Son garde du corps personnel le suivant telle son ombre, Hizashi Ryūno, chef actuel des Dragons de Shinjuku, pénétra dans les cachots du sous-sol de la maison principale du clan.

Les semelles de ses sandales de bois claquaient sur les marches de pierre à chacun de ses pas. L'odeur âcre de l'humidité s'insinuait dans ses narines tandis qu'il s'enfonçait plus profondément dans les escaliers.

Encore trois marches. Deux. Une.

La bouche fermement close, Hizashi mit pied à terre sans se dépêtrer de son allure digne de dirigeant.

Repoussant une mèche de cheveux, le chef du clan Ryūno réajusta le pan de son kimono qui s'était froissé lors de sa descente.
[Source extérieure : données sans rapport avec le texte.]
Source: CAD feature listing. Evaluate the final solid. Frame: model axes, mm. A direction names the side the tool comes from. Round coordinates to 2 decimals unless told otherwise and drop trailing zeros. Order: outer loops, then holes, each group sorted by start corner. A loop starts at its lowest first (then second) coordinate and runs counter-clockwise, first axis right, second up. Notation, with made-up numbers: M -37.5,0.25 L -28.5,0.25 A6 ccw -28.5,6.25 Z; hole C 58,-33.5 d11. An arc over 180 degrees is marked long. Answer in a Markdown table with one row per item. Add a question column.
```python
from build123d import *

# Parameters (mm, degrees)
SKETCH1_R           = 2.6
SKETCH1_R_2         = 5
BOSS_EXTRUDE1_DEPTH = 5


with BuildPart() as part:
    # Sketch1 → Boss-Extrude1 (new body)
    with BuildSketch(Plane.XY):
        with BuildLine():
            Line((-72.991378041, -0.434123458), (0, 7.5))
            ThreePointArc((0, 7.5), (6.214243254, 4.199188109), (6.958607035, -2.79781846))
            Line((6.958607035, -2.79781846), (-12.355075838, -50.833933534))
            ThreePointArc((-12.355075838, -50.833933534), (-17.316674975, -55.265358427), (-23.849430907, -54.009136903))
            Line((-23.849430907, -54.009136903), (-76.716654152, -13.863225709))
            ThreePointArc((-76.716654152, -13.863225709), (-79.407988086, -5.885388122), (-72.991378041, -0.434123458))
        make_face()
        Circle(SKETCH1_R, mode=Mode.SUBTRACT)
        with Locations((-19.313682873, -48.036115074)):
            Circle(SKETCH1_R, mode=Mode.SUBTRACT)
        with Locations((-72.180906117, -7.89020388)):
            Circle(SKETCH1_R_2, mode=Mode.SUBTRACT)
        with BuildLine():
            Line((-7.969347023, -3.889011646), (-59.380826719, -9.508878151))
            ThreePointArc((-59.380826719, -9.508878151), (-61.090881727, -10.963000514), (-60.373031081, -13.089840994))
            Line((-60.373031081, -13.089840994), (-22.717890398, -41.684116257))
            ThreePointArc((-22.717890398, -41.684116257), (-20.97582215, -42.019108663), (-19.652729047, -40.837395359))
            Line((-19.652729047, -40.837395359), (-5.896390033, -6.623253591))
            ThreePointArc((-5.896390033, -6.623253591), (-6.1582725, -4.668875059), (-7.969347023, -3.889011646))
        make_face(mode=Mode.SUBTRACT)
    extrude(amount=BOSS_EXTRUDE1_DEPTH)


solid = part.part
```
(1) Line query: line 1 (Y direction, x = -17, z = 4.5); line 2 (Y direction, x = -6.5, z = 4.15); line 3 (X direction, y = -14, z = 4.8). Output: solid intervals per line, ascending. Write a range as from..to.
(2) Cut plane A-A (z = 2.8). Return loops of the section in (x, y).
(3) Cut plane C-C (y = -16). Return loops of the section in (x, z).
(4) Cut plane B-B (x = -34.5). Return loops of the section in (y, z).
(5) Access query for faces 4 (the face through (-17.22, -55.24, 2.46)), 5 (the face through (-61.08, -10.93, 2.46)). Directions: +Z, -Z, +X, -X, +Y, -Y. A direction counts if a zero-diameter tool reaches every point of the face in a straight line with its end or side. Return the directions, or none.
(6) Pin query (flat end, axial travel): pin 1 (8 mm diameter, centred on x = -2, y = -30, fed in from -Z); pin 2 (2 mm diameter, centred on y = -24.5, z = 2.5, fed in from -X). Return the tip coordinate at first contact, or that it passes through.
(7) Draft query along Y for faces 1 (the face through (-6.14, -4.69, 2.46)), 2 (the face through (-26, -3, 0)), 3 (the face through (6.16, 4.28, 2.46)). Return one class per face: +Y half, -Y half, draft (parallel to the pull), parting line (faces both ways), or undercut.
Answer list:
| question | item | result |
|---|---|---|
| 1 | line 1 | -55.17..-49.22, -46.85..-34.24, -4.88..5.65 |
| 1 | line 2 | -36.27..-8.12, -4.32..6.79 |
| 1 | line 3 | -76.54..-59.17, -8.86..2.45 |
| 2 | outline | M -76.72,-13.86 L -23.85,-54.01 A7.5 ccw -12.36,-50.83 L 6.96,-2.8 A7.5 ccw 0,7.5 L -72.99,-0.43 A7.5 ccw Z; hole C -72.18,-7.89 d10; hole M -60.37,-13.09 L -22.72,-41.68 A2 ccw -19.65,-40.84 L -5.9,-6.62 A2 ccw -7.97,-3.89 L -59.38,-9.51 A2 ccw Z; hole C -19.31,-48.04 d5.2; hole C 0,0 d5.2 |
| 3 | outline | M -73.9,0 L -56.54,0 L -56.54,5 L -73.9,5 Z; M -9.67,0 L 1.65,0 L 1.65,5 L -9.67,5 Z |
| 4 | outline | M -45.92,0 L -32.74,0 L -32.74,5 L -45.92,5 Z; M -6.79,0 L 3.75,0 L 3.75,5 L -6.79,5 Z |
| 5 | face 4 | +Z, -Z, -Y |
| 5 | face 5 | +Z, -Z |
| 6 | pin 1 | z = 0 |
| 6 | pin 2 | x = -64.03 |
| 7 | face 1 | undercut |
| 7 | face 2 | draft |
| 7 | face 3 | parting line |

Ses iris charbonneuses et brillantes tel de l'encre de chine brossèrent de gauche à droite les lieux.

Le calme y régnait ; un affreux mélange de silence et de pesanteur qui aurait eu don d'en faire tourner des talons plus d'un.

Même après autant de temps sans y avoir réellement mis les pieds, cet endroit n'avait connu aucun changement notable, comme figé dans le temps.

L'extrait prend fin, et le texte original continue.